Of the K folds, one fold is retained as the validation data for testing the model, and the remaining K-1 folds are used as training data.
The model is fit on the K-1 training folds and then evaluated on the held-out validation fold (e.g., by calculating MSE, accuracy, etc.).
This process is repeated K times (the "folds"), with each of the K subsamples used exactly once as the validation data.
The K results from the folds can then be averaged (or otherwise combined) to produce a single estimation of the model's performance.

Model Selection with CV: To select among different models (or different hyperparameters for the same model type), you would perform this K-fold CV procedure for each candidate model. The model that yields the best average performance metric on the validation folds is chosen as the preferred model.

Theoretical Properties and Guarantees (or lack thereof)

Estimate of Prediction Error: CV aims to provide an approximately unbiased estimate of the true prediction error on unseen data.
- Leave-One-Out CV (LOOCV), where K=n, is almost unbiased for the true prediction error. However, it can have high variance (the estimates can vary a lot if the CV process were repeated on different initial datasets) and is computationally very expensive.
- K-Fold CV (e.g., K=5 or 10) typically has a slight pessimistic bias (because models are trained on K-1/K of the data, which is less than the full dataset), but often has lower variance than LOOCV, making it a more stable estimate. It's a good compromise.
No Guarantee of Finding the "True" Model: Unlike BIC which is consistent (selects the true model if it's in the set, as n → ∞), CV is generally focused on predictive performance. It will select the model that is expected to predict best on new data, which may not be the simplest or "true" underlying model, especially if the true model is very complex or the data is noisy.
Asymptotic Efficiency (Similar to AIC in some senses): For certain loss functions and under some conditions, K-fold CV can be asymptotically equivalent to AIC in terms of model selection behavior, meaning they tend to select similar models as n gets large, often favoring slightly more complex models for better predictive power if the true model is complex.
Dependence on K: The choice of K in K-fold CV matters.
- Small K (e.g., 2 or 3): Higher bias in error estimate, lower variance.
- Large K (closer to n, like LOOCV): Lower bias, higher variance, computationally expensive.
- K=5 or K=10 are common choices offering a good balance.
No Closed-Form Penalty: Unlike AIC/BIC, CV doesn't have an explicit penalty term for model complexity. The "penalty" is implicit: overly complex models will overfit the K-1 training folds and perform poorly on the held-out validation fold.
Robustness: CV is generally considered more robust and direct for estimating predictive performance than AIC/BIC, especially when the assumptions underlying AIC/BIC (e.g., models being close to the true model, large sample sizes for asymptotic properties to hold) are violated.

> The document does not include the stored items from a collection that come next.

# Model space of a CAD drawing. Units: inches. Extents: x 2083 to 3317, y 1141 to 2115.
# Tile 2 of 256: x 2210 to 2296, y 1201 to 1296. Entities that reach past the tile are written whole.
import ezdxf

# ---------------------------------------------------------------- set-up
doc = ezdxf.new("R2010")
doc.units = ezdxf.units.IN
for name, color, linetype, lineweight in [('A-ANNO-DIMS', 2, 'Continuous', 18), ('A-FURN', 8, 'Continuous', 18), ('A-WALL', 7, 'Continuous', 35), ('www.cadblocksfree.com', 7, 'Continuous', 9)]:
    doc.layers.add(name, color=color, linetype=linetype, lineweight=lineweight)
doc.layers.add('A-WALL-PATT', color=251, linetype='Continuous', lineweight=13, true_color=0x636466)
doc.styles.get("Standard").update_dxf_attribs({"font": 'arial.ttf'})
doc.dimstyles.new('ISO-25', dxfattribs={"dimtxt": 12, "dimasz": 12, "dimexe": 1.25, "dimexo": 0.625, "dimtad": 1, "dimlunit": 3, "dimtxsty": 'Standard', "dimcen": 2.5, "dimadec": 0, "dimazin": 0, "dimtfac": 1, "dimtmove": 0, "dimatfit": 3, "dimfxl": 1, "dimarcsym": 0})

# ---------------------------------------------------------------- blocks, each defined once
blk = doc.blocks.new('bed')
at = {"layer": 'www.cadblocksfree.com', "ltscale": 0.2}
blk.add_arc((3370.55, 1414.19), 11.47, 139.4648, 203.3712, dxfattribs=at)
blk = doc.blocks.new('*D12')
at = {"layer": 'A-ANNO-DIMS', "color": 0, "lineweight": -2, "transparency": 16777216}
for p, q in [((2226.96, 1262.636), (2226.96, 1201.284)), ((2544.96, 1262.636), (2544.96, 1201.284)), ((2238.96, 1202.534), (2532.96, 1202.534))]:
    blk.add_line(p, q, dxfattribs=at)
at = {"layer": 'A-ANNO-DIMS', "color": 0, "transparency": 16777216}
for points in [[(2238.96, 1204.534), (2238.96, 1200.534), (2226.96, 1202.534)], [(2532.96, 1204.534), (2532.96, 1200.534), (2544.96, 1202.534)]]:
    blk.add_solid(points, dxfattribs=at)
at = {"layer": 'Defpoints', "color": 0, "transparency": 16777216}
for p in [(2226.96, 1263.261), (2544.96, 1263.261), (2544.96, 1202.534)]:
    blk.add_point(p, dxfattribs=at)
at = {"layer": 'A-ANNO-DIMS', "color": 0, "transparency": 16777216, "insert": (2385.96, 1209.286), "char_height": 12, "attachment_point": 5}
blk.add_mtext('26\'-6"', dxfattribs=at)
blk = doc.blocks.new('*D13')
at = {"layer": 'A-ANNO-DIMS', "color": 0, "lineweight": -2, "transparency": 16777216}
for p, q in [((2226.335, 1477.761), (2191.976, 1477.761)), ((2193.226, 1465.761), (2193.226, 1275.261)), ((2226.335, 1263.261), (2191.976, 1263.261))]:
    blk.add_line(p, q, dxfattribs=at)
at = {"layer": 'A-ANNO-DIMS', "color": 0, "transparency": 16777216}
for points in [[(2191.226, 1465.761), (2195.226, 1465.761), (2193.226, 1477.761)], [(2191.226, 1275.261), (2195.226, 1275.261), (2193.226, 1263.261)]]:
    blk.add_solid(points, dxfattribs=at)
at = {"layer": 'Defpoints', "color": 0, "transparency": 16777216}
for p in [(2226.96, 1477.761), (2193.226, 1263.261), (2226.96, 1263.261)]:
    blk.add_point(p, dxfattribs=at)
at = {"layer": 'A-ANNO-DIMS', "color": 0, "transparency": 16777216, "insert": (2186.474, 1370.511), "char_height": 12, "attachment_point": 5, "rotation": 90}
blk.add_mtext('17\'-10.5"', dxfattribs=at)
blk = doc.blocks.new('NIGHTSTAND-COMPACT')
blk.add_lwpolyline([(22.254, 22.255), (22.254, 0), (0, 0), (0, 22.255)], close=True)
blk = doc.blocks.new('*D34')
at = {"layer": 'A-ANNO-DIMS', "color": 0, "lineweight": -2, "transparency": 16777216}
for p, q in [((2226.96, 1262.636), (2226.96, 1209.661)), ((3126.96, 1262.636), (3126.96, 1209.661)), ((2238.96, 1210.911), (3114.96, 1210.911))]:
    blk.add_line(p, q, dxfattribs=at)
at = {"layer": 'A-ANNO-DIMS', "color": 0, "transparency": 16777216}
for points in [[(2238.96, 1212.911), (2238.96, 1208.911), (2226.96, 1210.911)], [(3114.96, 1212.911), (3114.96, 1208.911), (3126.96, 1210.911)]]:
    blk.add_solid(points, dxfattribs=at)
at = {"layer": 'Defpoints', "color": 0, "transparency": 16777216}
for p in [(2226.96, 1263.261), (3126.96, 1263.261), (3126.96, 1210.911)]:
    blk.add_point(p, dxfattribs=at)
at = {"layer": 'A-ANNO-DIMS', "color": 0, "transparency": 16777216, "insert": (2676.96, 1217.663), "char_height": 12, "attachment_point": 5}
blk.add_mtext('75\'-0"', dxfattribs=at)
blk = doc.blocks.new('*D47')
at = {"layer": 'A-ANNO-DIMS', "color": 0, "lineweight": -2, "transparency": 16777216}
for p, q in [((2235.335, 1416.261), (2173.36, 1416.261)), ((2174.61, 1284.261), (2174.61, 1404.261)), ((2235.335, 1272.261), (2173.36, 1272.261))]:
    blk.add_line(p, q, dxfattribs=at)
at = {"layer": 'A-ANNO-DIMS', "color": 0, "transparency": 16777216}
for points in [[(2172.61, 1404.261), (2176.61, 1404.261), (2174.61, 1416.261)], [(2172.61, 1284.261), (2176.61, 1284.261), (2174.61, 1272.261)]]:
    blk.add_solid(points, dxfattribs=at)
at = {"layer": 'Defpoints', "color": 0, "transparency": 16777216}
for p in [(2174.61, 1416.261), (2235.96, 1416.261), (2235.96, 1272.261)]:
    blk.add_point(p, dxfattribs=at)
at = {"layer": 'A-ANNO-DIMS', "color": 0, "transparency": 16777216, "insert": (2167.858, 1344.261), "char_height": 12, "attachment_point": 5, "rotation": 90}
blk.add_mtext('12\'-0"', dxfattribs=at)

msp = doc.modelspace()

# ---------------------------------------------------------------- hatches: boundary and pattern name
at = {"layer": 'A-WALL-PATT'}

In practice, CV is often preferred for model selection when computational resources allow, as it directly estimates generalization performance. AIC and BIC are useful when CV is too expensive or as quick guides, especially when comparing models with different numbers of parameters based on their likelihoods.

Interviewer: That's a very thorough comparison, highlighting the strengths and contexts for each approach. Well explained!

Candidate: Thank you.

Why AIC, BIC & CV Matter

Principled Model Selection: Provide systematic ways to choose among competing models beyond just looking at training error.
Balancing Fit and Complexity: AIC and BIC explicitly penalize model complexity, helping to avoid overfitting. CV does this implicitly.
Estimating Generalization: Cross-validation directly estimates how well a model will perform on unseen data.
Theoretical Underpinnings: AIC is rooted in information theory and KL divergence. BIC has a Bayesian foundation. Understanding these provides deeper insight.
Practical Tools: Widely used in statistical modeling and machine learning for comparing models and tuning hyperparameters.
Understanding Tradeoffs: Knowing when to use AIC, BIC, or CV depends on the goals (prediction vs. explanation), dataset size, and computational budget.